Don't want to hijack the thread per say, but what is an EMT-E? On the NREMT's website I only found references to the usual EMR, EMT, AEMT, and Paramedic levels with no mention of changing those names as far as I could tell.


----------



## Handsome Robb (Mar 29, 2015)

COmedic17 said:


> What's EMT-E stand for and why does NREMT keep changing the names?
> 
> Just curious.



That's going to be a state thing. The NREMT only has NREMT, NRAEMT and NR-P


----------



## MackTheKnife (Mar 29, 2015)

Gurby said:


> Congrats!  Mine went to 120 as well.  I was pretty worried during the test since I knew a lot of people stopped at 70 or whatever.

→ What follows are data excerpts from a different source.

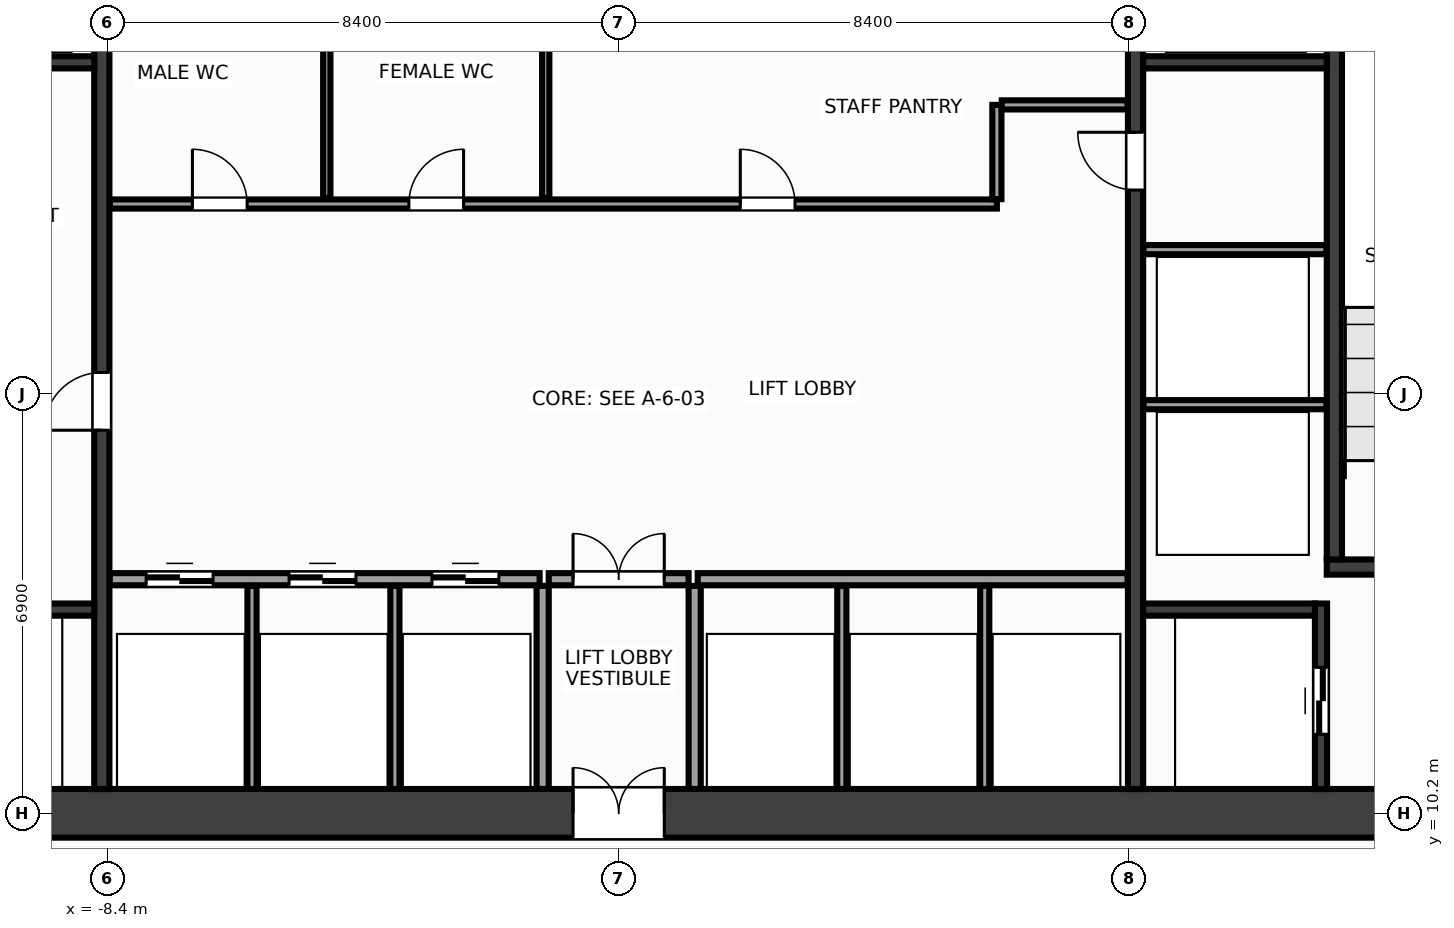
"""IFC4 building model, lengths in metres.
Left out: names, types, materials, properties, quantities, classifications, styles, units other than length and angle.
Written with IfcOpenShell. Run it as: python <this file> out.ifc"""

import sys

from ifc_helpers import new_model, si_unit, direction, frame, frame_2d, origin, place, context, subcontext, project, spatial, rectangle, extrude, source, transform, mapped, element, fill, save


model = new_model("IFC4")
c1 = context("Model", 3, precision=1e-05, world=origin(), true_north=direction((0.0, 1.0)))
c2 = subcontext(c1, "Body", "Model", "MODEL_VIEW")
j1 = project(units=[si_unit("LENGTHUNIT", "METRE"), si_unit("PLANEANGLEUNIT", "RADIAN")], contexts=[c1])
p1 = place(None, origin())
s1 = spatial("IfcSite", under=j1, at=p1, CompositionType="ELEMENT")
p2 = place(p1, origin())
s2 = spatial("IfcBuilding", under=s1, at=p2, CompositionType="ELEMENT")
p3 = place(p2, frame((0.0, 0.0, 27.2)))
s3 = spatial("IfcBuildingStorey", under=s2, at=p3, CompositionType="ELEMENT", Elevation=27.2)
m1 = source(origin(), c2, "Body", "SweptSolid", [
    extrude(rectangle(XDim=32.0, YDim=0.8, at=frame_2d((16.0, 0.0))), origin(), (0.0, 0.0, 1.0), 3.6),
])
p4 = place(p3, frame((-16.0, 10.2, 0.0), z_axis=(0.0, 0.0, 1.0), x_axis=(1.0, 0.0, 0.0)))
e1 = element("IfcWall", 1, at=p4, inside=s3, PredefinedType="SHEAR", context=c2, shape_type="MappedRepresentation", body=[
    mapped(m1, transform((0.0, 0.0, 0.0), x_axis=(1.0, 0.0, 0.0), y_axis=(0.0, 1.0, 0.0), z_axis=(0.0, 0.0, 1.0), scale=1.0)),
])
p5 = place(p4, frame((1.85, 0.0, 0.0)))
e2 = element("IfcOpeningElement", 2, at=p5, cuts=e1, PredefinedType="OPENING", context=c2, shape_type="SweptSolid", body=[
    extrude(rectangle(XDim=1.6, YDim=2.15, at=frame_2d((0.8, 1.075))), frame((0.0, 0.412, 0.0), z_axis=(0.0, -1.0, 0.0), x_axis=(1.0, 0.0, 0.0)), (0.0, 0.0, 1.0), 0.824),
])
p6 = place(p4, frame((28.55, 0.0, 0.0)))
e3 = element("IfcOpeningElement", 3, at=p6, cuts=e1, PredefinedType="OPENING", context=c2, shape_type="SweptSolid", body=[
    extrude(rectangle(XDim=1.6, YDim=2.15, at=frame_2d((0.8, 1.075))), frame((0.0, 0.412, 0.0), z_axis=(0.0, -1.0, 0.0), x_axis=(1.0, 0.0, 0.0)), (0.0, 0.0, 1.0), 0.824),
])
p7 = place(p4, frame((15.25, 0.0, 0.0)))
e4 = element("IfcOpeningElement", 4, at=p7, cuts=e1, PredefinedType="OPENING", context=c2, shape_type="SweptSolid", body=[
    extrude(rectangle(XDim=1.5, YDim=2.2, at=frame_2d((0.75, 1.1))), frame((0.0, 0.412, 0.0), z_axis=(0.0, -1.0, 0.0), x_axis=(1.0, 0.0, 0.0)), (0.0, 0.0, 1.0), 0.824),
])
m2 = source(origin(), c2, "Body", "SweptSolid", [
    extrude(rectangle(XDim=12.8, YDim=0.25, at=frame_2d((6.4, 0.0))), origin(), (0.0, 0.0, 1.0), 3.6),
])
p8 = place(p3, frame((-8.5, 10.6, 0.0), z_axis=(0.0, 0.0, 1.0), x_axis=(0.0, 1.0, 0.0)))
e5 = element("IfcWall", 5, at=p8, inside=s3, PredefinedType="SHEAR", context=c2, shape_type="MappedRepresentation", body=[
    mapped(m2, transform((0.0, 0.0, 0.0), x_axis=(1.0, 0.0, 0.0), y_axis=(0.0, 1.0, 0.0), z_axis=(0.0, 0.0, 1.0), scale=1.0)),
])
p9 = place(p8, frame((5.9, 0.0, 0.0)))
e6 = element("IfcOpeningElement", 6, at=p9, cuts=e5, PredefinedType="OPENING", context=c2, shape_type="SweptSolid", body=[
    extrude(rectangle(XDim=0.95, YDim=2.15, at=frame_2d((0.475, 1.075))), frame((0.0, 0.137, 0.0), z_axis=(0.0, -1.0, 0.0), x_axis=(1.0, 0.0, 0.0)), (0.0, 0.0, 1.0), 0.274),
])
p10 = place(p3, frame((8.5, 10.6, 0.0), z_axis=(0.0, 0.0, 1.0), x_axis=(0.0, 1.0, 0.0)))
e7 = element("IfcWall", 7, at=p10, inside=s3, PredefinedType="SHEAR", context=c2, shape_type="MappedRepresentation", body=[
    mapped(m2, transform((0.0, 0.0, 0.0), x_axis=(1.0, 0.0, 0.0), y_axis=(0.0, 1.0, 0.0), z_axis=(0.0, 0.0, 1.0), scale=1.0)),
])
p11 = place(p10, frame((9.85, 0.0, 0.0)))
e8 = element("IfcOpeningElement", 8, at=p11, cuts=e7, PredefinedType="OPENING", context=c2, shape_type="SweptSolid", body=[
    extrude(rectangle(XDim=0.95, YDim=2.15, at=frame_2d((0.475, 1.075))), frame((0.0, 0.137, 0.0), z_axis=(0.0, -1.0, 0.0), x_axis=(1.0, 0.0, 0.0)), (0.0, 0.0, 1.0), 0.274),
])
m3 = source(origin(), c2, "Body", "SweptSolid", [
    extrude(rectangle(XDim=3.555, YDim=0.25, at=frame_2d((1.777, 0.0))), origin(), (0.0, 0.0, 1.0), 3.6),
])
p12 = place(p3, frame((11.645, 14.25, 0.0), z_axis=(0.0, 0.0, 1.0), x_axis=(1.0, 0.0, 0.0)))
e9 = element("IfcWall", 9, at=p12, inside=s3, PredefinedType="SHEAR", context=c2, shape_type="MappedRepresentation", body=[
    mapped(m3, transform((0.0, 0.0, 0.0), x_axis=(1.0, 0.0, 0.0), y_axis=(0.0, 1.0, 0.0), z_axis=(0.0, 0.0, 1.0), scale=1.0)),
])
p13 = place(p12, frame((0.95, 0.0, 0.0)))
e10 = element("IfcOpeningElement", 10, at=p13, cuts=e9, PredefinedType="OPENING", context=c2, shape_type="SweptSolid", body=[
    extrude(rectangle(XDim=1.6, YDim=2.15, at=frame_2d((0.8, 1.075))), frame((0.0, 0.137, 0.0), z_axis=(0.0, -1.0, 0.0), x_axis=(1.0, 0.0, 0.0)), (0.0, 0.0, 1.0), 0.274),
])
m4 = source(origin(), c2, "Body", "SweptSolid", [
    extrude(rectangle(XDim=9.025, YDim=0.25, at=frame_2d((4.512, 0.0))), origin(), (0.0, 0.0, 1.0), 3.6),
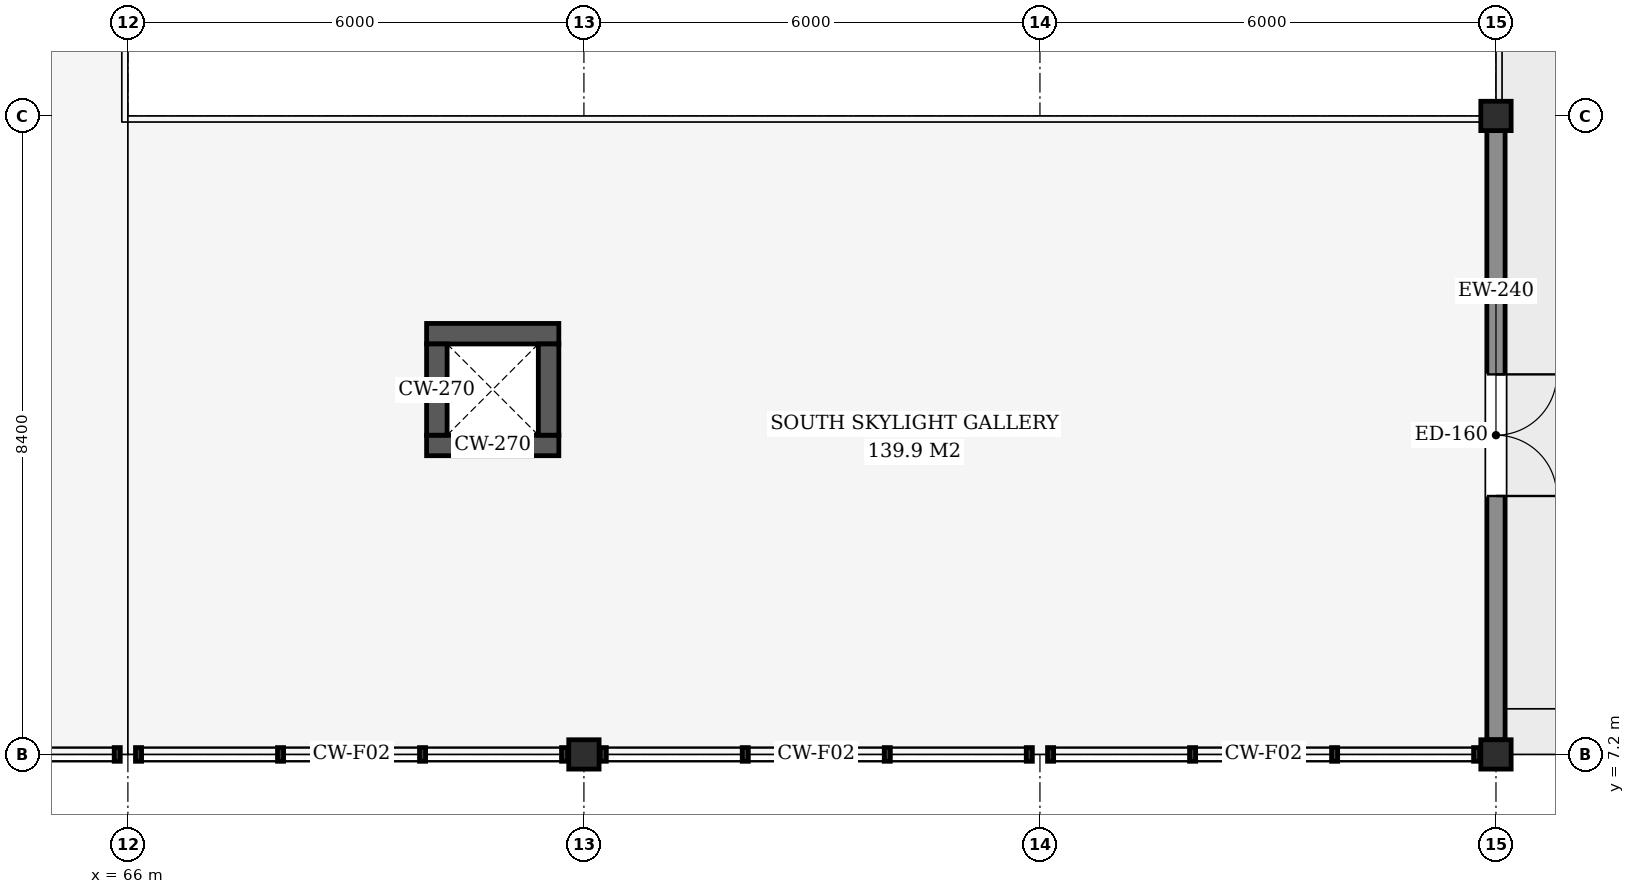
"""IFC4 building model, lengths in metres.
Left out: names, types, materials, properties, quantities, classifications, styles, units other than length and angle.
Written with IfcOpenShell. Run it as: python <this file> out.ifc"""

import sys

from ifc_helpers import new_model, si_unit, direction, frame, frame_2d, origin, origin_2d, place, context, subcontext, project, spatial, rectangle, i_section, extrude, element, fill, save


model = new_model("IFC4")
c1 = context("Model", 3, precision=1e-05, world=origin(), true_north=direction((0.0, 1.0)))
c2 = subcontext(c1, "Body", "Model", "MODEL_VIEW")
j1 = project(units=[si_unit("LENGTHUNIT", "METRE"), si_unit("PLANEANGLEUNIT", "RADIAN")], contexts=[c1])
p1 = place(None, origin())
s1 = spatial("IfcSite", under=j1, at=p1, CompositionType="ELEMENT")
p2 = place(p1, origin())
s2 = spatial("IfcBuilding", under=s1, at=p2, CompositionType="ELEMENT")
p3 = place(p2, frame((0.0, 0.0, 9.3)))
s3 = spatial("IfcBuildingStorey", under=s2, at=p3, CompositionType="ELEMENT", Elevation=9.3)
for number, where, z_axis, x_axis in (
    (1, (72.0, 7.2, 0.0), (0.0, 0.0, 1.0), (1.0, 0.0, 0.0)),
    (2, (84.0, 7.2, 0.0), (0.0, 0.0, 1.0), (1.0, 0.0, 0.0)),
    (3, (84.0, 15.6, 0.0), (0.0, 0.0, 1.0), (1.0, 0.0, 0.0)),
):
    element("IfcColumn", number, at=place(p3, frame(where, z_axis=z_axis, x_axis=x_axis)), inside=s3, PredefinedType="COLUMN", context=c2, shape_type="SweptSolid", body=[
        extrude(i_section(OverallWidth=0.399, OverallDepth=0.386, WebThickness=0.021, FlangeThickness=0.033, at=origin_2d()), origin(), (0.0, 0.0, 1.0), 4.37),
    ])
p4 = place(p3, frame((84.0, 15.407, 0.0), z_axis=(0.0, 0.0, 1.0), x_axis=(0.0, -1.0, 0.0)))
e4 = element("IfcWall", 4, at=p4, inside=s3, PredefinedType="SOLIDWALL", context=c2, shape_type="SweptSolid", body=[
    extrude(rectangle(XDim=8.014, YDim=0.24, at=frame_2d((4.007, 0.0))), origin(), (0.0, 0.0, 1.0), 3.738),
])
p5 = place(p4, frame((3.207, 0.0, 0.0)))
e5 = element("IfcOpeningElement", 5, at=p5, cuts=e4, PredefinedType="OPENING", context=c2, shape_type="SweptSolid", body=[
    extrude(rectangle(XDim=1.6, YDim=2.3, at=frame_2d((0.8, 1.15))), frame((0.0, 0.13, 0.0), z_axis=(0.0, -1.0, 0.0), x_axis=(1.0, 0.0, 0.0)), (0.0, 0.0, 1.0), 0.26),
])
for number, where, z_axis, x_axis in (
    (6, (69.93, 11.265, 0.0), (0.0, 0.0, 1.0), (1.0, 0.0, 0.0)),
    (7, (69.93, 12.735, 0.0), (0.0, 0.0, 1.0), (1.0, 0.0, 0.0)),
):
    element("IfcWall", number, at=place(p3, frame(where, z_axis=z_axis, x_axis=x_axis)), inside=s3, PredefinedType="SHEAR", context=c2, shape_type="SweptSolid", body=[
        extrude(rectangle(XDim=1.74, YDim=0.27, at=frame_2d((0.87, 0.0))), origin(), (0.0, 0.0, 1.0), 4.37),
    ])
for number, where, z_axis, x_axis in (
    (8, (70.065, 11.4, 0.0), (0.0, 0.0, 1.0), (0.0, 1.0, 0.0)),
    (9, (71.535, 11.4, 0.0), (0.0, 0.0, 1.0), (0.0, 1.0, 0.0)),
):
    element("IfcWall", number, at=place(p3, frame(where, z_axis=z_axis, x_axis=x_axis)), inside=s3, PredefinedType="SHEAR", context=c2, shape_type="SweptSolid", body=[
        extrude(rectangle(XDim=1.2, YDim=0.27, at=frame_2d((0.6, 0.0))), origin(), (0.0, 0.0, 1.0), 4.37),
    ])
p6 = place(p5, origin())
e10 = element("IfcDoor", 10, at=p6, inside=s3, OperationType="DOUBLE_DOOR_SINGLE_SWING", PredefinedType="DOOR", context=c2, shape_type="SweptSolid", body=[
    extrude(rectangle(XDim=1.6, YDim=2.3, at=frame_2d((0.8, 1.15))), frame((0.0, 0.025, 0.0), z_axis=(0.0, -1.0, 0.0), x_axis=(1.0, 0.0, 0.0)), (0.0, 0.0, 1.0), 0.05),
])
fill(e5, e10)
save(model, sys.argv[1])

Mine stopped at 70 when I took recert last month. It's hard not think you bombed the test that quickly until you get the results. I did pass.


----------



## MackTheKnife (Mar 29, 2015)

machestnut said:


> From what I've heard and read, yes if you are going to the max 120 questions then you are right on the borderline to pass or fail.  But again that's only what I've read.  This test is tricky so who knows.


The testing program will give a full test every so often as a quality assurance check. Didn't mean you're doing poorly. Same for the NCLEX-RN test. Some stop at 75 and some get the full 250 questions.


----------